Paul McCartney – Ram (Rock Archives RA-0706004)


Ram (Rock Archives RA-0706004)

Too Many People, 3 Legs, Ram On, Dear Boy, Uncle Albert/Admiral Halsey, Smile Away, Heart Of The Country, Monkberry Moon Delight, Eat At Home, Long Haired Lady, Ram On (reprise), The Back Seat Of My Car

Ram on Rock Archives is another needle drop of a mono mix released by the Scorpio label and is a worthy choice.  When the Paul McCartney album was released in stereo on May, 1971, the mono LP was pressed primarily for promotional purposes for airplay on AM radio stations.  Given its limited distribution and the fact that almost every song is mixed differently in mono than stereo has made it very desirable for collectors and a good project for labels.  In 2000 Roaring Mouse released Ram In Mono(DPRO-79970).  This release contains both the LP in mono and the promotional LP “Brung To Ewe By” (released at the time of Ram, this contains fifteen radio spot ads and Paul singing “Now Hear This Song Of Mine” to be used by the station as intros for the tracks).  The same year saw the release of Ram Mono Mix (Manural Apple MAS 3375) with “Now Hear This Song Of Mine.”  This release received some criticism for separating each of the tracks.  The Alternate Ram (Pear Records PDP-020) was released in 2004 with the transfer of the mono and the promo spots. 

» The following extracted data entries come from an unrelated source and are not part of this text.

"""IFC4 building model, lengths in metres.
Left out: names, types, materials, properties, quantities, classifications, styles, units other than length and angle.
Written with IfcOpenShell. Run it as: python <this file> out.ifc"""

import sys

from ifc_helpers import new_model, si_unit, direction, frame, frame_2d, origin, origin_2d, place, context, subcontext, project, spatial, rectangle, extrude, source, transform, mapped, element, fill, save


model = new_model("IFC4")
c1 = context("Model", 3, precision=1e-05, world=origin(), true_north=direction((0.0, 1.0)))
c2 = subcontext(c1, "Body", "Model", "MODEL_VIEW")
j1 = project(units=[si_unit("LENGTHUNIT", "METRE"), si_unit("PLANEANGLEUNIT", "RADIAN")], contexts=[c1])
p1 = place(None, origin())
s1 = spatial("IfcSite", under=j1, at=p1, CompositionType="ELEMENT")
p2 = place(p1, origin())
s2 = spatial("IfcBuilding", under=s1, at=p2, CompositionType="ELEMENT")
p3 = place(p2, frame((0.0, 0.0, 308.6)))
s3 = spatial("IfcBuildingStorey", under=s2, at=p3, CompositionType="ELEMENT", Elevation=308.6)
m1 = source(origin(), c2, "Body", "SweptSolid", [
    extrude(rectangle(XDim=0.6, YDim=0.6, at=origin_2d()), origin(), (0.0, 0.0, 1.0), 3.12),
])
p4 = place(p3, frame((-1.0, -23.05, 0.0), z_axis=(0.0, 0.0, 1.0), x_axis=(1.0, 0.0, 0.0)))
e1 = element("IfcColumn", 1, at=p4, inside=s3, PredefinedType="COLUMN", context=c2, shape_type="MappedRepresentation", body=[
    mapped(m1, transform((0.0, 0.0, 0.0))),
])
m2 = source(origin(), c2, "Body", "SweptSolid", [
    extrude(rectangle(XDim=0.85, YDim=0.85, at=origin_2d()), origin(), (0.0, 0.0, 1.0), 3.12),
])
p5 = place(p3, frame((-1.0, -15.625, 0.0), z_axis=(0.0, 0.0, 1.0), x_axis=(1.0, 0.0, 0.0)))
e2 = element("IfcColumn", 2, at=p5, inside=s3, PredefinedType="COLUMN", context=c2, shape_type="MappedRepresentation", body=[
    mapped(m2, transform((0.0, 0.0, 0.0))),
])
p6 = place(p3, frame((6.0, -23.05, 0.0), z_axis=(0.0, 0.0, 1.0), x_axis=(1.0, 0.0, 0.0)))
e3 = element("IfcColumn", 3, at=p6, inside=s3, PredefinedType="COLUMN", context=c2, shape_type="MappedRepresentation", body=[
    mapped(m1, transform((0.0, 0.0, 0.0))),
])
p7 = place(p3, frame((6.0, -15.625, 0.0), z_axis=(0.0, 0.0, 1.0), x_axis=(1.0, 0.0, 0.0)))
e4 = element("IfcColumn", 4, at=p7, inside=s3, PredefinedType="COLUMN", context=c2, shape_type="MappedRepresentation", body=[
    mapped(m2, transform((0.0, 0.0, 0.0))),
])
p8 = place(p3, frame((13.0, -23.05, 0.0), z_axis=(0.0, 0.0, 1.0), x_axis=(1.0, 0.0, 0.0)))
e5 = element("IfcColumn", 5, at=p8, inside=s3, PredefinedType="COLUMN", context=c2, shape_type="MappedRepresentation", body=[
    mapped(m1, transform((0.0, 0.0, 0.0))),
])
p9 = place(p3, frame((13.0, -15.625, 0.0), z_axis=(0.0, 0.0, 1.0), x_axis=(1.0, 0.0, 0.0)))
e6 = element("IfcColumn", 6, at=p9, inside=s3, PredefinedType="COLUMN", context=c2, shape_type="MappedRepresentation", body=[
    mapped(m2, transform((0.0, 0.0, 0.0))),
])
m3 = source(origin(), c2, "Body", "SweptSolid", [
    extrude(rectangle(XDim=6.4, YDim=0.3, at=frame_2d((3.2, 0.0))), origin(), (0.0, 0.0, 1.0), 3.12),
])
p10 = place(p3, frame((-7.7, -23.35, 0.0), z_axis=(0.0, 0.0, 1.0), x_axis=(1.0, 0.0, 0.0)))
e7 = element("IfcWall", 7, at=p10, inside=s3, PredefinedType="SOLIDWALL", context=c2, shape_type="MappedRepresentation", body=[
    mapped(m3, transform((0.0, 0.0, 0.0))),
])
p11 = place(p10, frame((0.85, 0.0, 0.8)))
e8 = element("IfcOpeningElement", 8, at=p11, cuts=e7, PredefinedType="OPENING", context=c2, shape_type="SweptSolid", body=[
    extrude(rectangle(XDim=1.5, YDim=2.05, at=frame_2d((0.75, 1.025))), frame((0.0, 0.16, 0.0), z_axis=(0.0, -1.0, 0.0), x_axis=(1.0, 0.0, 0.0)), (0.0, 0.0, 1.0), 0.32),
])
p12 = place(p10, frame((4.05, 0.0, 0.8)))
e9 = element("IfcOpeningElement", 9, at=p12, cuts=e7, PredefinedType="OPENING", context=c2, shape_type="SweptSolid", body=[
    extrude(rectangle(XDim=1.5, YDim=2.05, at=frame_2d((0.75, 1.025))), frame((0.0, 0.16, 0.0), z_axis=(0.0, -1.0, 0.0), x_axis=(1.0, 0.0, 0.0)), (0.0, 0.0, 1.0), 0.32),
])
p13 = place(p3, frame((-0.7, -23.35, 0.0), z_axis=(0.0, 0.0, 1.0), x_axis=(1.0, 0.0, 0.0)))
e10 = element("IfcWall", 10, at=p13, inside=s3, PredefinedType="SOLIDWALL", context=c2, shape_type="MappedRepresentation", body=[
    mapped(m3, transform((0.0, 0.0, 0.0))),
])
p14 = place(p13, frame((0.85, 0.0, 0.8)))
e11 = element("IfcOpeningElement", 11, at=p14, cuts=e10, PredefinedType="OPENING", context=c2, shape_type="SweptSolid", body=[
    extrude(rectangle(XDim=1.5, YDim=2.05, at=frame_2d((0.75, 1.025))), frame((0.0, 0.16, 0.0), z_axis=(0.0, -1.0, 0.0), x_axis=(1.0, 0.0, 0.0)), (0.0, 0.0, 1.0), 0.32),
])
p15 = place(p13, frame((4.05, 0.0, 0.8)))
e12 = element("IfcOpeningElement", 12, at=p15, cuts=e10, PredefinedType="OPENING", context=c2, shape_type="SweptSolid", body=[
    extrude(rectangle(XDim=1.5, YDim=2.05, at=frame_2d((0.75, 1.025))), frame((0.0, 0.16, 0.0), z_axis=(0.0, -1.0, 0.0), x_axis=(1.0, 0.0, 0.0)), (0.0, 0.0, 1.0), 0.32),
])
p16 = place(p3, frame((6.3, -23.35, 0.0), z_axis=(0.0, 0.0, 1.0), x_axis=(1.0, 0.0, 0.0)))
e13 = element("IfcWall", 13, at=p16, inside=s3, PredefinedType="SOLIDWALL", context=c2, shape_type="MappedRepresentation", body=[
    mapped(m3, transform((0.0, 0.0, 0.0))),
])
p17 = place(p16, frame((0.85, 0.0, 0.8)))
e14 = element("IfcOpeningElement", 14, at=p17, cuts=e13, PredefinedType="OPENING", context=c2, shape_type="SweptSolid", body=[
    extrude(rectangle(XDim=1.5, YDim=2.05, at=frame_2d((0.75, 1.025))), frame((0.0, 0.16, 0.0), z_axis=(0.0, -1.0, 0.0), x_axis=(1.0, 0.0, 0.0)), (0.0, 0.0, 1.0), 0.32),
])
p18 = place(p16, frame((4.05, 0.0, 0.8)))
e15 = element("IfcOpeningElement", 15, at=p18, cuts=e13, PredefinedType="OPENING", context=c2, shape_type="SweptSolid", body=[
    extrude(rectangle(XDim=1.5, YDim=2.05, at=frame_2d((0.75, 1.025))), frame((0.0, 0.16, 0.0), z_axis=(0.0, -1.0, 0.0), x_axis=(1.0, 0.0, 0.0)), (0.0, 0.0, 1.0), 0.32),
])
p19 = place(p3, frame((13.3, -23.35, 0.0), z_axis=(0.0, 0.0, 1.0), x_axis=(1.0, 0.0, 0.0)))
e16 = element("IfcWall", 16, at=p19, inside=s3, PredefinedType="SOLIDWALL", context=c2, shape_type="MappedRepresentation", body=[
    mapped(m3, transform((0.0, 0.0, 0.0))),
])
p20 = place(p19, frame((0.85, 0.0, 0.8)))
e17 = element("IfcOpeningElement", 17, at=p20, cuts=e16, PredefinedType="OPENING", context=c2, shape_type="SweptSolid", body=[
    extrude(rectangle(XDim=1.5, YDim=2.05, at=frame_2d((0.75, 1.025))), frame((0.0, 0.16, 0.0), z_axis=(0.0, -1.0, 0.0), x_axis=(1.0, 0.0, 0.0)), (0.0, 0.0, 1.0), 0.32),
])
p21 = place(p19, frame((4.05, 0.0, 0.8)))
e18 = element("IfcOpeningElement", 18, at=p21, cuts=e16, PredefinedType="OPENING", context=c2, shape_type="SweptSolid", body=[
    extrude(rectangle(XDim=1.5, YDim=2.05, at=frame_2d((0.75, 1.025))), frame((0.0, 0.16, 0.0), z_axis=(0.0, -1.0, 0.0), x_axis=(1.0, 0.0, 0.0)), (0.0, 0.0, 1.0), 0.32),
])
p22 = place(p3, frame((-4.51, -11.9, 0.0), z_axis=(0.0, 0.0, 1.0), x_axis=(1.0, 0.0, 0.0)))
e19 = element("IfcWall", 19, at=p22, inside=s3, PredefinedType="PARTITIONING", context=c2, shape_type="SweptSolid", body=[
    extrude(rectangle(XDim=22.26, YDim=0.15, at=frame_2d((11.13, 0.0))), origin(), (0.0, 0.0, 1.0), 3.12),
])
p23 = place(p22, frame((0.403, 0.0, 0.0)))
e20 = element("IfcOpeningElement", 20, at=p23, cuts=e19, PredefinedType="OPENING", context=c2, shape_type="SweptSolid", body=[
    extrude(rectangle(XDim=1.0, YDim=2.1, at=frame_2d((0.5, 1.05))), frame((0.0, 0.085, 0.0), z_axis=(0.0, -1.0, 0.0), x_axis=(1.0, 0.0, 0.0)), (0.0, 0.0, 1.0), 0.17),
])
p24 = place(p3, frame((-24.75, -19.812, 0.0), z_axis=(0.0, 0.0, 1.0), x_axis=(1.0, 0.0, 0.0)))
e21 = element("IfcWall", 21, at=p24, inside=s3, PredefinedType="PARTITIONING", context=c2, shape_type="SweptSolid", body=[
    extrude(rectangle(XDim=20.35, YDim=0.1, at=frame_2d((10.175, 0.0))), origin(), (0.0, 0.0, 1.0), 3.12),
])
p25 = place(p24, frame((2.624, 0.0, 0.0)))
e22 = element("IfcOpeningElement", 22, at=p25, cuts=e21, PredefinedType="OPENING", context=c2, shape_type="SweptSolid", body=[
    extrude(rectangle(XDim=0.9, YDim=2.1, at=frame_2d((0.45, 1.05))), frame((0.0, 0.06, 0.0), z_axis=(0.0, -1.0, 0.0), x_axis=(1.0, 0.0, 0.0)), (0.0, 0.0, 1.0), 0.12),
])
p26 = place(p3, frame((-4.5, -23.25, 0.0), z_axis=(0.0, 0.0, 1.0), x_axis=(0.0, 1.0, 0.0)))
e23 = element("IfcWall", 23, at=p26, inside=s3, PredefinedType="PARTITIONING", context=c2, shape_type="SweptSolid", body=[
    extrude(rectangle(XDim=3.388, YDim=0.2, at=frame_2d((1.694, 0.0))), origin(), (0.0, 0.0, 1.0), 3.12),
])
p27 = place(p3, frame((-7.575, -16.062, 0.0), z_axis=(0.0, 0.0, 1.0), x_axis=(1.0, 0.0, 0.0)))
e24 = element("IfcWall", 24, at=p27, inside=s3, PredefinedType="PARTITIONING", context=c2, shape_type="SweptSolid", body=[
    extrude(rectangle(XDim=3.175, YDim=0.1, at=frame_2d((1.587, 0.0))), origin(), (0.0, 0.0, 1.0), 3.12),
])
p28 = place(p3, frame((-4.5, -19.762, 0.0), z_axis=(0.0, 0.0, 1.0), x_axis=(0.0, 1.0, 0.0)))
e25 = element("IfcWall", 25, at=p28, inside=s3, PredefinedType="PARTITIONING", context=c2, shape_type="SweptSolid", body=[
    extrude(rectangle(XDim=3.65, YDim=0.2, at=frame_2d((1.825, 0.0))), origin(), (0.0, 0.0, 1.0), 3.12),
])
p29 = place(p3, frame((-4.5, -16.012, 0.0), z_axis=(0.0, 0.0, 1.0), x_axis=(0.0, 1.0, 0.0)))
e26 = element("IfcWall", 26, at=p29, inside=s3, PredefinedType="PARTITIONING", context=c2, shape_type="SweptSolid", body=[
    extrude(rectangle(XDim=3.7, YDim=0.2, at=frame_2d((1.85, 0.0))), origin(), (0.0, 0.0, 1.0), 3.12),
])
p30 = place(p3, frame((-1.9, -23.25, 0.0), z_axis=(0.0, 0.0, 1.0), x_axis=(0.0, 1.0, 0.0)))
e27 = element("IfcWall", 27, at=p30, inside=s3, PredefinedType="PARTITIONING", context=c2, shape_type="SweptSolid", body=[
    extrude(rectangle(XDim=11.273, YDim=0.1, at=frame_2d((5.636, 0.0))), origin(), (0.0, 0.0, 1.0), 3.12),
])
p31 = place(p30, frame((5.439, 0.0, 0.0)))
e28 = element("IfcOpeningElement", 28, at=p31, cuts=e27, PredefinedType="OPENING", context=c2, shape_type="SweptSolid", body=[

In 2005 Ram (Dr. Ebbett MAS 3375) 2005 on CDR with the album only.  One collector points out “This is (so far) the best sounding digital transfer of the rare mono LP. While it sounds similar to the Japanese pirate disc [‘Ram Mono Mix’ Manural Apple MAS-3375], the sound here is a bit more open on the high and low frequencies and the bass is more profound and clear. The overall sound is very smooth and this disc plays nicely beside the DCC master of the stereo mix. We all know that the vinyl Capitol Records used during this period was not the quietest, and as such every mono LP has a small amount of audible background noise. This noise is a little more noticeable on the Dr. Ebbett disc than the ‘Manural Apple’ disc, but this could just be a result of the Equalizing. I also want to mention that it is possible that Dr. Ebbett could of mastered this version from the ‘Manural Apple’ disc but I highly doubt it (there’s a lower tracking error during “Smile Away” on this version than the “Manural Apple’ disc).”

The latest release on Rock Archives is a straight transfer of the mono.  There is noticeable surface noise however.  To give the benefit of the doubt to the label, virgin copies may be almost impossible to find, but it sounds as if no attempt was made to clean up the recording.  Despite that it has the good Scorpio mastering job sounding very natural and warm.  It comes packaged in a single cardboard glossy paper sleeve with an insert with the track listing on the inside. 

According to the book Eight Arms To Hold You, there are differences between the mono and stereo on almost each track.  On “Too Many People” the mono mix has mixed-down backing vocals, less processing and a longer fade out.  On “3 Legs,” there is a stray note that is mixed out during “fly flies in…”, a tighter edit at “you know it’s not allowed,” and the background vocals are mixed lower.  “Ram On” has no processing on the ukulele.  For “Dear Boy” there is considerable flanging on the vocal interlude in the middle and the backing vocals are lower also.  There is flanging also on the guitar intro for the mono mix of “Uncle Albert/Admiral Halsey.”  The high-hat at the start of the “Admiral Halsey” section in the stereo version is absent in mono.  There is a vocal harmony at 3:10 on the word “water” missing in mono and the punch in at 2:18 in the stereo version is lower in the mix on mono.

The segue between “Uncle Albert/Admiral Halsey” and “Smile Away” is smoother in mono, and the high harmony at 1:52 in stereo is absent throughout the rest of the song in mono.  Also, the fade is three seconds longer in mono than stereo.  “Heart Of The Country” is identical in both stereo and mono.  The mono “Monkberry Moon Delight” has more reverb than stereo and the guitar, tambourine and backing vocals are lower in the mix.  In the mono “Eat At Home” there is some mumbling by Paul after the first “eat at home” and the vocal interjections during the solo are not in mono.  On “Long Haired Lady” there is flanging on the piano during the first “love is long” break, the stereo fade is slightly longer and the crossfade to “Ram On” begins at a different point.   The mono mix for “Ram On” shorter with less reverb, and finally “The Back Seat Of My Car” has a smoother edit to the outro.